If we consider a crystal structure in which there is an atom at x, y, z as well as one at -x, -y, -z, then the structure is said to have a centre of symmetry. Some of the 32 point groups do not have a centre of symmetry. Electron diffraction patterns have a centre of symmetry, so it is usually not possible to distinguish point groups with centres of symmetry from those without. This reduces the number of distinct point groups that can be distinguished with electron diffraction to the 11 Laue classes (or Laue groups).
In the table below, the Laue symbol is used to represent the symmetry elements characteristic to each Laue class.

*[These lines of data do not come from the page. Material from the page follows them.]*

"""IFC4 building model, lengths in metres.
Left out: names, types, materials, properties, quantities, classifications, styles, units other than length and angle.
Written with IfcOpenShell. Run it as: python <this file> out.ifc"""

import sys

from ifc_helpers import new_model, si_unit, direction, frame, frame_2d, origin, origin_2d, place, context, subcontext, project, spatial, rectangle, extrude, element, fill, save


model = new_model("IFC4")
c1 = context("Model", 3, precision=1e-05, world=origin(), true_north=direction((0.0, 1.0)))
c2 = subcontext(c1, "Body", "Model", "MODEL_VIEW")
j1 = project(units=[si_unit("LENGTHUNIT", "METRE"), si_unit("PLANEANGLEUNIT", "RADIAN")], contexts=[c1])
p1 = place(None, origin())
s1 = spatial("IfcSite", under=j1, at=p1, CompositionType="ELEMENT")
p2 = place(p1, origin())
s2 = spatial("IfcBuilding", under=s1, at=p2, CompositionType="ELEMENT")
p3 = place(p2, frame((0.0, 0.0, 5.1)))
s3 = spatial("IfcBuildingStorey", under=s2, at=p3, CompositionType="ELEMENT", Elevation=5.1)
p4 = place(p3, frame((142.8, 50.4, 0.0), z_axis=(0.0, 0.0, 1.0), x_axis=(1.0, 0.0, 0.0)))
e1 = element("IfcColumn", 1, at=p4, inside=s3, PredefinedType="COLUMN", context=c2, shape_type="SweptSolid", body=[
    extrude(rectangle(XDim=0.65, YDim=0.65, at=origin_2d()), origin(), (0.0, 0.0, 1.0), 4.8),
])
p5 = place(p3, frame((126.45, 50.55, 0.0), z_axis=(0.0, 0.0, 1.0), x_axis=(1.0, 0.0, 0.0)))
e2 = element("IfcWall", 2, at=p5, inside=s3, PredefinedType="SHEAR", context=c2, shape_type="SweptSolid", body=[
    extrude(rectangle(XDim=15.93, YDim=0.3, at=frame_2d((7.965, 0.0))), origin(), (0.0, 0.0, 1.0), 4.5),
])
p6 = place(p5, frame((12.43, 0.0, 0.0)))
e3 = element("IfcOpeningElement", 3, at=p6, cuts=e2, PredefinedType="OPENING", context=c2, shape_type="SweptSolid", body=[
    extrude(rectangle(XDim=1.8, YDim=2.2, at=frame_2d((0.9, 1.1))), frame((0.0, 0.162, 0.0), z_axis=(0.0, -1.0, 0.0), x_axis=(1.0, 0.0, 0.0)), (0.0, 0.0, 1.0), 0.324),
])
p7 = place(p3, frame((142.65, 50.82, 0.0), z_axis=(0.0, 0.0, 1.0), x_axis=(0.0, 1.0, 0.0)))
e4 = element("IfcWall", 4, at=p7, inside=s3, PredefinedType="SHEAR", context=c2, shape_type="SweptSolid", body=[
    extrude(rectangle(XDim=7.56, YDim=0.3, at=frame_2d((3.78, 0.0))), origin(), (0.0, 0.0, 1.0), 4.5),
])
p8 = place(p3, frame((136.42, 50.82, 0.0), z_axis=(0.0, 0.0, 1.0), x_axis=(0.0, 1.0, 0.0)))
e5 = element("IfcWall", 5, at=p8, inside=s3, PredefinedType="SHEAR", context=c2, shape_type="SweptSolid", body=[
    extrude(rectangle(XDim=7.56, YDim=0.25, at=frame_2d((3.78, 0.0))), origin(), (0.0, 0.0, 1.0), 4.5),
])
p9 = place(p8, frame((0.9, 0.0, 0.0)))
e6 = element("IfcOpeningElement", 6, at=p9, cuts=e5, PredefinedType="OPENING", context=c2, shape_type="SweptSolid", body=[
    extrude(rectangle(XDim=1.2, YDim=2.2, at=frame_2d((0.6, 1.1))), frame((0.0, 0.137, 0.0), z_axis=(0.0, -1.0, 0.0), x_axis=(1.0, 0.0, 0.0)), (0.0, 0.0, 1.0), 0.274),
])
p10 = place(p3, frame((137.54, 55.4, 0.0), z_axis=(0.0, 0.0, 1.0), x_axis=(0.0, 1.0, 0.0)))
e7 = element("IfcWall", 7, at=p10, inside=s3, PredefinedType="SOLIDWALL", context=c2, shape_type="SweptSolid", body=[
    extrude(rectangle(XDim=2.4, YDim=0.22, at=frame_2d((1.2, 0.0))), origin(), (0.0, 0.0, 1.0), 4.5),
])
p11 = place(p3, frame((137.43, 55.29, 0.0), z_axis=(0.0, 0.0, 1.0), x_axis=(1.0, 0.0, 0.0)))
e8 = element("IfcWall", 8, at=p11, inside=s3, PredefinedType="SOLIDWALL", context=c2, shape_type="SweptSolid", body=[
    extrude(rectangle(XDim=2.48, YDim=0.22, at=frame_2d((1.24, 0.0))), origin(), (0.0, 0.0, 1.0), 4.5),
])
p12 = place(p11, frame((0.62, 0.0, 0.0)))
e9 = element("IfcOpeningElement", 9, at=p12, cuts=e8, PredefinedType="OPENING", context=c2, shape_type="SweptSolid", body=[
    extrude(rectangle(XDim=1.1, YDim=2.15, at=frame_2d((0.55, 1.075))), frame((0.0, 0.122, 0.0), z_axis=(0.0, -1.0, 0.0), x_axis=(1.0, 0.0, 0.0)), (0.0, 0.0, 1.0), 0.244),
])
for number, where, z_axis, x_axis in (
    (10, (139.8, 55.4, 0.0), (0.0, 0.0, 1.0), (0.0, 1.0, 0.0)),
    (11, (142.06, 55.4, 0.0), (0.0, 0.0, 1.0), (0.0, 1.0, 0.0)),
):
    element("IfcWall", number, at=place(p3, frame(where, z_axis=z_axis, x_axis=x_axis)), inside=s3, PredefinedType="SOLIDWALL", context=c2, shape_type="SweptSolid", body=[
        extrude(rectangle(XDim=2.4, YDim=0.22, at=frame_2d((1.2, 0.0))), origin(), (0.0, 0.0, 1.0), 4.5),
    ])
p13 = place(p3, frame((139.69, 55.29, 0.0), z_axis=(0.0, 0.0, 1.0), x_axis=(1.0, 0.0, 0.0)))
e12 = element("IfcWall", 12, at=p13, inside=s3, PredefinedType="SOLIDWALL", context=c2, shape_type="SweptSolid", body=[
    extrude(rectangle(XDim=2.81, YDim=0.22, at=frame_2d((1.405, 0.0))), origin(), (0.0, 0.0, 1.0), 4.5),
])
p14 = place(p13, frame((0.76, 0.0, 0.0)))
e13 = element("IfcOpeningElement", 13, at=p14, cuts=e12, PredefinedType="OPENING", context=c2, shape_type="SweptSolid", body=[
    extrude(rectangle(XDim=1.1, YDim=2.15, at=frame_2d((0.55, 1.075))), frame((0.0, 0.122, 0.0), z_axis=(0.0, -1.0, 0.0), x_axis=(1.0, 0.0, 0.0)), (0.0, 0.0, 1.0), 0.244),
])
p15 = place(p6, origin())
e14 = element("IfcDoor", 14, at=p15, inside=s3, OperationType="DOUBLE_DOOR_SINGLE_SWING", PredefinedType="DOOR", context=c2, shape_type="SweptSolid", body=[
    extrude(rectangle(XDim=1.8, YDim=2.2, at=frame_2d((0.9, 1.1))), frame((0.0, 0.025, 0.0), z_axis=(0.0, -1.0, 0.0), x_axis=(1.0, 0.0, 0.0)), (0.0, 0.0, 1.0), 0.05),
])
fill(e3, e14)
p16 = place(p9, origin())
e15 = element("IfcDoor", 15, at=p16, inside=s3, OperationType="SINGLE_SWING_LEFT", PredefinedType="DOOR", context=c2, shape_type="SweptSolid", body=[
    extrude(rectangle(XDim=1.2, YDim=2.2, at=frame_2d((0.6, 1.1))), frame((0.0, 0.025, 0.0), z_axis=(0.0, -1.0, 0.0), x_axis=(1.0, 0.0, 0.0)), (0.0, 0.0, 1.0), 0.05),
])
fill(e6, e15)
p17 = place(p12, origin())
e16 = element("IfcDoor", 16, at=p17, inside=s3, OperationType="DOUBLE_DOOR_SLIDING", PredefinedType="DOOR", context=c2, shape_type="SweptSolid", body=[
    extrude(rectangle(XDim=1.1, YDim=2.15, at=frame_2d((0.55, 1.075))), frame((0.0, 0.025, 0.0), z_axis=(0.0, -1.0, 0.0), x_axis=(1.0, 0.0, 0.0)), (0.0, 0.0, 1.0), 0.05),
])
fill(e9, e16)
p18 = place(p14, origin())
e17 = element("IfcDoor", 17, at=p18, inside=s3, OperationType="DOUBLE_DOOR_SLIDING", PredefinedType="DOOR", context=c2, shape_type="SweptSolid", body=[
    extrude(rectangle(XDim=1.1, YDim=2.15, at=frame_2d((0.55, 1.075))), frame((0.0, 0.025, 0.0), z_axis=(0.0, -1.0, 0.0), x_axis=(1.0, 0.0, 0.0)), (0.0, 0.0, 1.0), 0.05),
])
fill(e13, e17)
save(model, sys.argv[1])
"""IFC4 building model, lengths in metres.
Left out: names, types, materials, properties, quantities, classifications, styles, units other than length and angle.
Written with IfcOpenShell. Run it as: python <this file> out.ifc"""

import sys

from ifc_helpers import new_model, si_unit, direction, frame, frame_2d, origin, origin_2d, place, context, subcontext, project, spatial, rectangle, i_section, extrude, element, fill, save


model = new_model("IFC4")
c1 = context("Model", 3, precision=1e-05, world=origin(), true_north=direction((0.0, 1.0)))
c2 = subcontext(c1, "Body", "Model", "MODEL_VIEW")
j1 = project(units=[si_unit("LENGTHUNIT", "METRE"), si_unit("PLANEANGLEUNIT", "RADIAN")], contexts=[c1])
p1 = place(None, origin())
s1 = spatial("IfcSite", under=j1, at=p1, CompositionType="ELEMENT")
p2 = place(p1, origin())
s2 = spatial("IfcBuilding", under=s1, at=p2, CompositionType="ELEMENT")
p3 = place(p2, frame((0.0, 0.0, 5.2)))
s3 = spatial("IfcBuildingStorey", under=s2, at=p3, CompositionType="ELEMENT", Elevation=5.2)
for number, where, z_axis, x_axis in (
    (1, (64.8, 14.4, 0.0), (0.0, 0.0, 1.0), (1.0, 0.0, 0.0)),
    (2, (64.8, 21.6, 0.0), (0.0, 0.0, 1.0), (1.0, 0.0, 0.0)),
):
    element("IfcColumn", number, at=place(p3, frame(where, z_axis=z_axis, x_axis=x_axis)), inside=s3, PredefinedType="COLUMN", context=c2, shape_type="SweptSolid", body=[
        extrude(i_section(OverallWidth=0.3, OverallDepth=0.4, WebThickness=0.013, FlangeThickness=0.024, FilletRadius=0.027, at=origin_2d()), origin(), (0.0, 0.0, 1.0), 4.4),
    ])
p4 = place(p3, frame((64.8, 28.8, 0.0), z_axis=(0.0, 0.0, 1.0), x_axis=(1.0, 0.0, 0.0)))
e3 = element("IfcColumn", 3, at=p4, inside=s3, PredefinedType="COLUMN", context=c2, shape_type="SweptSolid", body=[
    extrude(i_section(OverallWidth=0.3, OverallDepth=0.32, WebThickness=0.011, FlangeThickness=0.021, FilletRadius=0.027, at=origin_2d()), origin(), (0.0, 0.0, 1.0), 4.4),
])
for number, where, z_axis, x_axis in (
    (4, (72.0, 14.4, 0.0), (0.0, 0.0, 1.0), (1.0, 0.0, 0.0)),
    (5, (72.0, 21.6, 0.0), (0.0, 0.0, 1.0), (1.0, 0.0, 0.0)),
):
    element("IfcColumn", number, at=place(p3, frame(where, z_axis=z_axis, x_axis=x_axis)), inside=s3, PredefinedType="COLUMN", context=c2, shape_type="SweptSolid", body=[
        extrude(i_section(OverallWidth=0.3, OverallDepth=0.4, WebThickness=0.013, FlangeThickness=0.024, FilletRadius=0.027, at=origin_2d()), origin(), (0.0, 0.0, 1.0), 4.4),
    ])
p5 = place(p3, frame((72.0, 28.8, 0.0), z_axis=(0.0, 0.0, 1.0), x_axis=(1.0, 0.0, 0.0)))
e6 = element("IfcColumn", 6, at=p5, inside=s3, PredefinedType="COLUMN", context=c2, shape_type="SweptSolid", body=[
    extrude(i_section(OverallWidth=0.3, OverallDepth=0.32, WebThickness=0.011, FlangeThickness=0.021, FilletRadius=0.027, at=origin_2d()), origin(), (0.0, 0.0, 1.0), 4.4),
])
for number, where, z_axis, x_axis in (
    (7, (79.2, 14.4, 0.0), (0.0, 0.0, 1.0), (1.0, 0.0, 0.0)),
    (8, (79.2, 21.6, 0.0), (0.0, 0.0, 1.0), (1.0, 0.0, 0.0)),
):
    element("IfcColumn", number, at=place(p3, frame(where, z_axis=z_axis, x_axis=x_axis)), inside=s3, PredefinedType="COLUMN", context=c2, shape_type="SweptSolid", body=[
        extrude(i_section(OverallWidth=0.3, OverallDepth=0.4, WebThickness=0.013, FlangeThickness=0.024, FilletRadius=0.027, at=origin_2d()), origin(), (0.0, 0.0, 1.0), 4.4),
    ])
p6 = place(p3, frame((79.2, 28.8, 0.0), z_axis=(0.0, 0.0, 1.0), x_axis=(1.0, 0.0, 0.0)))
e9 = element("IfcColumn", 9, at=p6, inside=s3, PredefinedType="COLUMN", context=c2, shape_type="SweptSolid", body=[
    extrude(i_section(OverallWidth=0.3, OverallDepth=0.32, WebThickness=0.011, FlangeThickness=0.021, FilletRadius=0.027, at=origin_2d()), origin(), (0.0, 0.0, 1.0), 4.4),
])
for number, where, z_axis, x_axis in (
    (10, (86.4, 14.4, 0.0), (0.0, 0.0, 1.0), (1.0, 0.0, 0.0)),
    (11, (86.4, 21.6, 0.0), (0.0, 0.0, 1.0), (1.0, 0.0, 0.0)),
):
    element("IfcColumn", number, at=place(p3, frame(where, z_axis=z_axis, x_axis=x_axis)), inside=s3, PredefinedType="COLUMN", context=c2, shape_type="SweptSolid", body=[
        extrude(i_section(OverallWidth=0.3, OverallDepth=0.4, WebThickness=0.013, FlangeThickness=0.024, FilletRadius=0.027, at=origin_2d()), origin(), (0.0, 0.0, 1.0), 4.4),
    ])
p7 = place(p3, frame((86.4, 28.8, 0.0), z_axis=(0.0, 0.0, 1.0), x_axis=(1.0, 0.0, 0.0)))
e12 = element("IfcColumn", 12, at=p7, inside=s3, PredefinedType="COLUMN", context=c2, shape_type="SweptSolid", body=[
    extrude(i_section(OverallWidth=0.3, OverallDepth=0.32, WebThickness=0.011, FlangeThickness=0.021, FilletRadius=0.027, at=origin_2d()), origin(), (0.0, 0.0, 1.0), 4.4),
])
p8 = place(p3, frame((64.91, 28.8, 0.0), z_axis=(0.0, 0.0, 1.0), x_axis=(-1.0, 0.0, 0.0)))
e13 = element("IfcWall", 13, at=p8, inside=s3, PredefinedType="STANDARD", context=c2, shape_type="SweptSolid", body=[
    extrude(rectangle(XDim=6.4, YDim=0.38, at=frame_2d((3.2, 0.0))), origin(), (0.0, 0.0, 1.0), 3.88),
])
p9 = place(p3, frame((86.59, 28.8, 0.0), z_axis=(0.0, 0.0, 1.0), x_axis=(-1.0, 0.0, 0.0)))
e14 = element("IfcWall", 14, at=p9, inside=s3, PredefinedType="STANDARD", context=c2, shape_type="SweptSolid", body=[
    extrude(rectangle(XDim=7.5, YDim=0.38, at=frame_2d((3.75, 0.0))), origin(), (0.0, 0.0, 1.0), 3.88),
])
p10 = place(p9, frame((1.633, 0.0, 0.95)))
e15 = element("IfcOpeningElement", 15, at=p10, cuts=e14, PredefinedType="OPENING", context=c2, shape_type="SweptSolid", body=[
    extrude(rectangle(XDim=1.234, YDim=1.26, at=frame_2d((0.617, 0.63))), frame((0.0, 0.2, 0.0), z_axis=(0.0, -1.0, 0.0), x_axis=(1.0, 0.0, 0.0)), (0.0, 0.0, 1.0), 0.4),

| Crystal System | Laue | ID | Symmetry | Example Phases |
| Triclinic | -1 | 1 | Inversion centre as the only symmetry | Plagioclase Feldspar (e.g. NaAlSi₃O₈) |
| Monoclinic | 2/m | 2 | Two-fold rotation axis perpendicular to mirror plane | Clinopyroxenes (e.g. Ca(Mg,Fe)Si₂O₆); Monoclinic ZrO₂ |
| Orthorhombic | mmm | 3 | Three perpendicular mirror planes | Olivine ((Mg,Fe)₂SiO₄); Cementite (Fe₃C) |
| Tetragonal | 4/m | 4 | Four-fold axis with one perpendicular mirror plane | Leucite (KAlSi₂O₆) |
| Tetragonal | 4/mmm | 5 | Four-fold axis with three perpendicular mirror planes | Rutile (TiO₂); γ-TiAl |
| Trigonal | -3 | 6 | Three-fold rotation-inversion | Ilmenite (FeTiO₃) |
| Trigonal | -3m | 7 | Three-fold rotation-inversion with mirror plane | Quartz (SiO₂), α-alumina (Al₂O₃) |
| Hexagonal | 6/m | 8 | Six-fold axis with perpendicular mirror | Apatite (Ca₅(PO₄)₃(OH,F,Cl)) |
| Hexagonal | 6/mmm | 9 | Six-fold axis with three perpendicular mirror planes | Magnesium, α-Titanium |
| Cubic | m3 | 10 | Three-fold axis with one mirror | Pyrite (FeS₂) |
| Cubic | m3m | 11 | Three-fold axis with two mirror planes | Fe-BCC; Fe-FCC; Aluminium |
Table showing the 11 Laue classes, along with some typical example phases.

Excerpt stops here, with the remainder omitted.